You want to have fewer of these subtypes and instead have more of what are called large, buoyant LDL. That kind of result suggests less of a risk. With this kind of advanced testing, two people with the same total measurement of LDL cholesterol may be at opposite ends of risk. One, with a predominance of small, dense LDL particles, may have three times the risk of someone with mostly large, buoyant LDL.

Similarly, there are significant differences among subgroups of HDL that relate to how well or not they carry out their removal of excess lipids. You want to be high in the most functional HDL subgroup, labeled 2b. Not all HDL is created equal.

The worse scenario, with this kind of testing, would be to have a predominance of small, dense LDL particles and low HDL 2b.

What about your total cholesterol? you may be asking. Well, it doesn't mean much unless you have a level over 320 or so, which increases the risk of stroke; and then it certainly behooves you to bring it down. And you can readily do that with lifestyle modification, weight reduction, and eating a lot of good fiber. I wouldn't recommend a statin drug unless you had evidence of arterial disease and were a male. I have been very disappointed with the lack of results among women.

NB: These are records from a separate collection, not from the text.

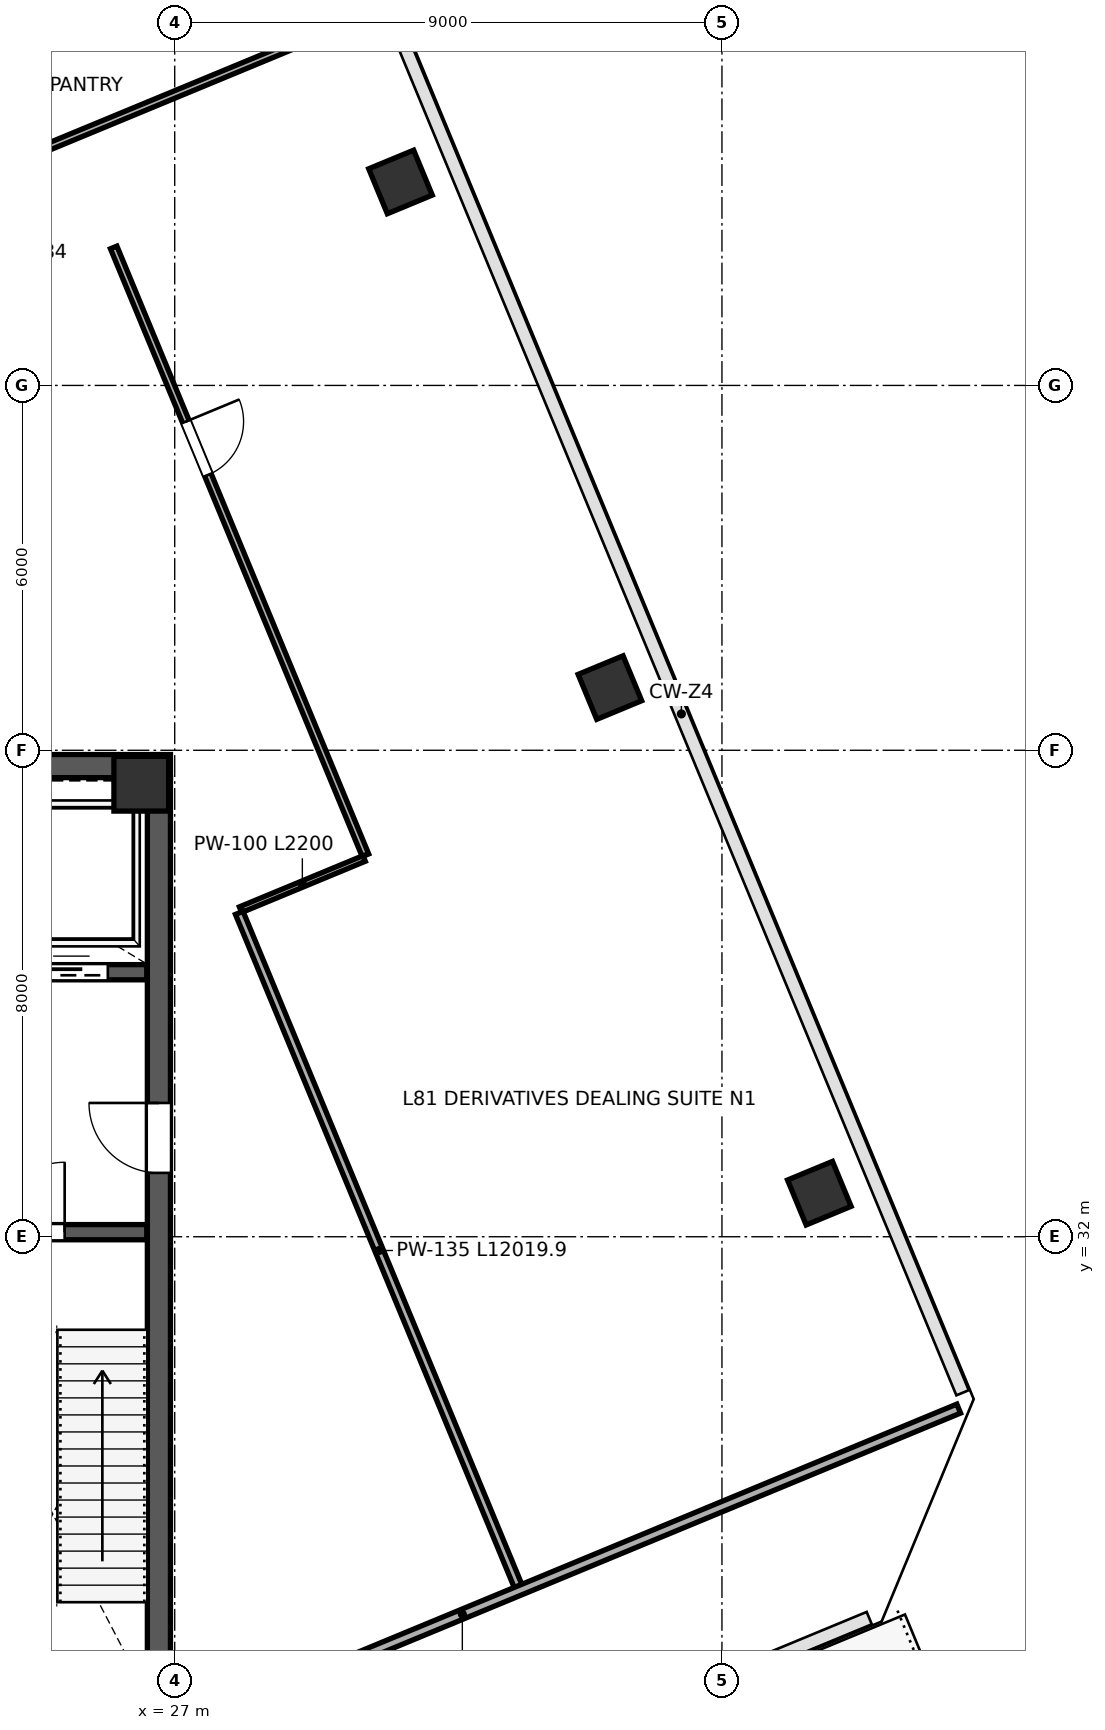
"""IFC4 building model, lengths in metres.
Left out: names, types, materials, properties, quantities, classifications, styles, units other than length and angle.
Written with IfcOpenShell. Run it as: python <this file> out.ifc"""

import sys

from ifc_helpers import new_model, si_unit, direction, frame, frame_2d, origin, origin_2d, place, context, subcontext, project, spatial, rectangle, extrude, source, transform, mapped, element, fill, save


model = new_model("IFC4")
c1 = context("Model", 3, precision=1e-05, world=origin(), true_north=direction((0.0, 1.0)))
c2 = subcontext(c1, "Body", "Model", "MODEL_VIEW")
j1 = project(units=[si_unit("LENGTHUNIT", "METRE"), si_unit("PLANEANGLEUNIT", "RADIAN")], contexts=[c1])
p1 = place(None, origin())
s1 = spatial("IfcSite", under=j1, at=p1, CompositionType="ELEMENT")
p2 = place(p1, origin())
s2 = spatial("IfcBuilding", under=s1, at=p2, CompositionType="ELEMENT")
p3 = place(p2, frame((0.0, 0.0, 360.0)))
s3 = spatial("IfcBuildingStorey", under=s2, at=p3, CompositionType="ELEMENT", Elevation=360.0)
m1 = source(origin(), c2, "Body", "SweptSolid", [
    extrude(rectangle(XDim=0.9, YDim=0.9, at=origin_2d()), origin(), (0.0, 0.0, 1.0), 5.999),
])
p4 = place(p3, frame((26.45, 39.45, 0.001), z_axis=(0.0, 0.0, 1.0), x_axis=(1.0, 0.0, 0.0)))
e1 = element("IfcColumn", 1, at=p4, inside=s3, PredefinedType="COLUMN", context=c2, shape_type="MappedRepresentation", body=[
    mapped(m1, transform((0.0, 0.0, 0.0), scale=1.0)),
])
m2 = source(origin(), c2, "Body", "SweptSolid", [
    extrude(rectangle(XDim=0.8, YDim=0.8, at=origin_2d()), origin(), (0.0, 0.0, 1.0), 5.699),
])
for number, where, z_axis, x_axis in (
    (2, (30.713, 49.346, 0.001), (0.0, 0.0, 1.0), (-0.383, 0.924, 0.0)),
    (3, (34.157, 41.031, 0.001), (0.0, 0.0, 1.0), (-0.383, 0.924, 0.0)),
    (4, (37.602, 32.716, 0.001), (0.0, 0.0, 1.0), (-0.383, 0.924, 0.0)),
):
    element("IfcColumn", number, at=place(p3, frame(where, z_axis=z_axis, x_axis=x_axis)), inside=s3, PredefinedType="COLUMN", context=c2, shape_type="MappedRepresentation", body=[
        mapped(m2, transform((0.0, 0.0, 0.0), scale=1.0)),
    ])
p5 = place(p3, frame((26.74, 24.45, 0.0), z_axis=(0.0, 0.0, 1.0), x_axis=(0.0, 1.0, 0.0)))
e5 = element("IfcWall", 5, at=p5, inside=s3, PredefinedType="SHEAR", context=c2, shape_type="SweptSolid", body=[
    extrude(rectangle(XDim=15.1, YDim=0.38, at=frame_2d((7.55, 0.0))), origin(), (0.0, 0.0, 1.0), 5.72),
])
p6 = place(p5, frame((8.6, 0.0, 0.0)))
e6 = element("IfcOpeningElement", 6, at=p6, cuts=e5, PredefinedType="OPENING", context=c2, shape_type="SweptSolid", body=[
    extrude(rectangle(XDim=1.15, YDim=2.2, at=frame_2d((0.575, 1.1))), frame((0.0, 0.2, 0.0), z_axis=(0.0, -1.0, 0.0), x_axis=(1.0, 0.0, 0.0)), (0.0, 0.0, 1.0), 0.4),
])
p7 = place(p3, frame((9.07, 39.74, 0.0), z_axis=(0.0, 0.0, 1.0), x_axis=(1.0, 0.0, 0.0)))
e7 = element("IfcWall", 7, at=p7, inside=s3, PredefinedType="SHEAR", context=c2, shape_type="SweptSolid", body=[
    extrude(rectangle(XDim=17.86, YDim=0.38, at=frame_2d((8.93, 0.0))), origin(), (0.0, 0.0, 1.0), 5.72),
])
p8 = place(p3, frame((23.19, 32.075, 0.0), z_axis=(0.0, 0.0, 1.0), x_axis=(1.0, 0.0, 0.0)))
e8 = element("IfcWall", 8, at=p8, inside=s3, PredefinedType="SHEAR", context=c2, shape_type="SweptSolid", body=[
    extrude(rectangle(XDim=3.35, YDim=0.25, at=frame_2d((1.675, 0.0))), origin(), (0.0, 0.0, 1.0), 5.72),
])
p9 = place(p8, frame((0.85, 0.0, 0.0)))
e9 = element("IfcOpeningElement", 9, at=p9, cuts=e8, PredefinedType="OPENING", context=c2, shape_type="SweptSolid", body=[
    extrude(rectangle(XDim=1.15, YDim=2.2, at=frame_2d((0.575, 1.1))), frame((0.0, 0.135, 0.0), z_axis=(0.0, -1.0, 0.0), x_axis=(1.0, 0.0, 0.0)), (0.0, 0.0, 1.0), 0.27),
])
p10 = place(p3, frame((21.45, 36.35, 0.0), z_axis=(0.0, 0.0, 1.0), x_axis=(1.0, 0.0, 0.0)))
e10 = element("IfcWall", 10, at=p10, inside=s3, PredefinedType="SHEAR", context=c2, shape_type="SweptSolid", body=[
    extrude(rectangle(XDim=5.09, YDim=0.25, at=frame_2d((2.545, 0.0))), origin(), (0.0, 0.0, 1.0), 5.72),
])
p11 = place(p10, frame((0.7, 0.0, 0.0)))
e11 = element("IfcOpeningElement", 11, at=p11, cuts=e10, PredefinedType="OPENING", context=c2, shape_type="SweptSolid", body=[
    extrude(rectangle(XDim=1.2, YDim=2.2, at=frame_2d((0.6, 1.1))), frame((0.0, 0.135, 0.0), z_axis=(0.0, -1.0, 0.0), x_axis=(1.0, 0.0, 0.0)), (0.0, 0.0, 1.0), 0.27),
])
p12 = place(p10, frame((3.25, 0.0, 0.0)))
e12 = element("IfcOpeningElement", 12, at=p12, cuts=e10, PredefinedType="OPENING", context=c2, shape_type="SweptSolid", body=[
    extrude(rectangle(XDim=1.2, YDim=2.2, at=frame_2d((0.6, 1.1))), frame((0.0, 0.135, 0.0), z_axis=(0.0, -1.0, 0.0), x_axis=(1.0, 0.0, 0.0)), (0.0, 0.0, 1.0), 0.27),
])
p13 = place(p3, frame((25.996, 48.269, 0.0), z_axis=(0.0, 0.0, 1.0), x_axis=(0.382683927115, -0.923879327579, 0.0)))
e13 = element("IfcWall", 13, at=p13, inside=s3, PredefinedType="PARTITIONING", context=c2, shape_type="SweptSolid", body=[
    extrude(rectangle(XDim=10.82, YDim=0.115, at=frame_2d((5.41, 0.0))), origin(), (0.0, 0.0, 1.0), 5.72),
])
p14 = place(p13, frame((3.1, 0.0, 0.0)))
e14 = element("IfcOpeningElement", 14, at=p14, cuts=e13, PredefinedType="OPENING", context=c2, shape_type="SweptSolid", body=[
    extrude(rectangle(XDim=0.95, YDim=2.15, at=frame_2d((0.475, 1.075))), frame((0.0, 0.067, 0.0), z_axis=(0.0, -1.0, 0.0), x_axis=(1.0, 0.0, 0.0)), (0.0, 0.0, 1.0), 0.135),
])
p15 = place(p3, frame((28.083, 37.378, 0.0), z_axis=(0.0, 0.0, 1.0), x_axis=(0.923853160736, 0.382747093259, 0.0)))
e15 = element("IfcWall", 15, at=p15, inside=s3, PredefinedType="PARTITIONING", context=c2, shape_type="SweptSolid", body=[
    extrude(rectangle(XDim=2.2, YDim=0.1, at=frame_2d((1.1, 0.0))), origin(), (0.0, 0.0, 1.0), 5.72),
])
p16 = place(p3, frame((28.061, 37.326, 0.0), z_axis=(0.0, 0.0, 1.0), x_axis=(0.382684852278, -0.923878944363, 0.0)))
e16 = element("IfcWall", 16, at=p16, inside=s3, PredefinedType="PARTITIONING", context=c2, shape_type="SweptSolid", body=[
    extrude(rectangle(XDim=12.02, YDim=0.135, at=frame_2d((6.01, 0.0))), origin(), (0.0, 0.0, 1.0), 5.72),
])
p17 = place(p3, frame((17.364, 46.793, 0.0), z_axis=(0.0, 0.0, 1.0), x_axis=(0.923874230192, 0.382696233045, 0.0)))
e17 = element("IfcWall", 17, at=p17, inside=s3, PredefinedType="PARTITIONING", context=c2, shape_type="SweptSolid", body=[
    extrude(rectangle(XDim=13.772, YDim=0.115, at=frame_2d((6.886, 0.0))), origin(), (0.0, 0.0, 1.0), 5.72),
])
p18 = place(p3, frame((23.567, 22.411, 0.0), z_axis=(0.0, 0.0, 1.0), x_axis=(0.923875223291, 0.382693835577, 0.0)))
e18 = element("IfcWall", 18, at=p18, inside=s3, PredefinedType="PARTITIONING", context=c2, shape_type="SweptSolid", body=[
    extrude(rectangle(XDim=17.672, YDim=0.16, at=frame_2d((8.836, 0.0))), origin(), (0.0, 0.0, 1.0), 5.72),
])
m3 = source(origin(), c2, "Body", "SweptSolid", [
    extrude(rectangle(XDim=1.15, YDim=2.2, at=frame_2d((0.575, 1.1))), frame((0.0, 0.025, 0.0), z_axis=(0.0, -1.0, 0.0), x_axis=(1.0, 0.0, 0.0)), (0.0, 0.0, 1.0), 0.05),
])
p19 = place(p9, origin())
e19 = element("IfcDoor", 19, at=p19, inside=s3, OperationType="SINGLE_SWING_RIGHT", PredefinedType="DOOR", context=c2, shape_type="MappedRepresentation", body=[
    mapped(m3, transform((0.0, 0.0, 0.0), scale=1.0)),
])
fill(e9, e19)
m4 = source(origin(), c2, "Body", "SweptSolid", [
    extrude(rectangle(XDim=1.15, YDim=2.2, at=frame_2d((0.575, 1.1))), frame((0.0, 0.025, 0.0), z_axis=(0.0, -1.0, 0.0), x_axis=(1.0, 0.0, 0.0)), (0.0, 0.0, 1.0), 0.05),
])
p20 = place(p6, origin())
e20 = element("IfcDoor", 20, at=p20, inside=s3, OperationType="SINGLE_SWING_RIGHT", PredefinedType="DOOR", context=c2, shape_type="MappedRepresentation", body=[
    mapped(m4, transform((0.0, 0.0, 0.0), scale=1.0)),
])
fill(e6, e20)
m5 = source(origin(), c2, "Body", "SweptSolid", [
    extrude(rectangle(XDim=1.2, YDim=2.2, at=frame_2d((0.6, 1.1))), frame((0.0, 0.025, 0.0), z_axis=(0.0, -1.0, 0.0), x_axis=(1.0, 0.0, 0.0)), (0.0, 0.0, 1.0), 0.05),
])
p21 = place(p12, origin())
e21 = element("IfcDoor", 21, at=p21, inside=s3, OperationType="SLIDING_TO_RIGHT", PredefinedType="DOOR", context=c2, shape_type="MappedRepresentation", body=[
    mapped(m5, transform((0.0, 0.0, 0.0), scale=1.0)),
])
fill(e12, e21)
m6 = source(origin(), c2, "Body", "SweptSolid", [
    extrude(rectangle(XDim=0.95, YDim=2.15, at=frame_2d((0.475, 1.075))), frame((0.0, 0.025, 0.0), z_axis=(0.0, -1.0, 0.0), x_axis=(1.0, 0.0, 0.0)), (0.0, 0.0, 1.0), 0.05),
])
p22 = place(p14, origin())
e22 = element("IfcDoor", 22, at=p22, inside=s3, OperationType="SINGLE_SWING_LEFT", PredefinedType="DOOR", context=c2, shape_type="MappedRepresentation", body=[
    mapped(m6, transform((0.0, 0.0, 0.0), scale=1.0)),
])
fill(e14, e22)
save(model, sys.argv[1])

What about your total LDL level, according to standard tests? If your doctor thinks it is too high, suggest having the advanced testing done. In any case I would be extremely reluctant to bring down an LDL level to below 80, which some doctors are pushing. It's dangerous, in my opinion. Too-low cholesterol has been associated with cancer, aggression, cerebral hemorrhages, and amnesia, and could affect your ability to combat infections (see sidebar on cholesterol facts).

Here's what you have to remember if your standard cholesterol numbers are "high" and your doctor tells you to take a statin:

  • Don't do it. Ask your doctor to follow up with a VAP or LPP test that determines your individual cholesterol fractions.
  • If you are a male between the ages of 50 and 75 and have coronary artery disease, and the advanced test shows you have a predominance of small, dense LDL, go for the statin drug. It's a good idea. Statin drugs are also anti-inflammatory, and that's the powerful effect you are looking for, not the cholesterol-lowering activity. I say thumbs down on statins over the age of 75.
  • If you are a woman, and do not have unhealthy levels of inflammatory types of cholesterol and inflammatory substances such as homocysteine, fibrinogen, and C-reactive protein, I would pass on statins. I've been disappointed with the results. However, if you are a woman with arterial disease and have a profile of high inflammatory cholesterol and other substances, a statin may provide you benefit as an anti-inflammatory agent.
  • Male or female, do not take a statin on the basis of high Lp(a). Statins do not lower Lp(a). Your best bet to neutralize the inflammatory activity of Lp(a) is the B-complex vitamin niacin (500 mg–2 g daily) of the type that causes a flushing sensation, along with 2–3 g of fish oil and 100 mg of nattokinase. That's my most potent cocktail for neutralizing Lp(a).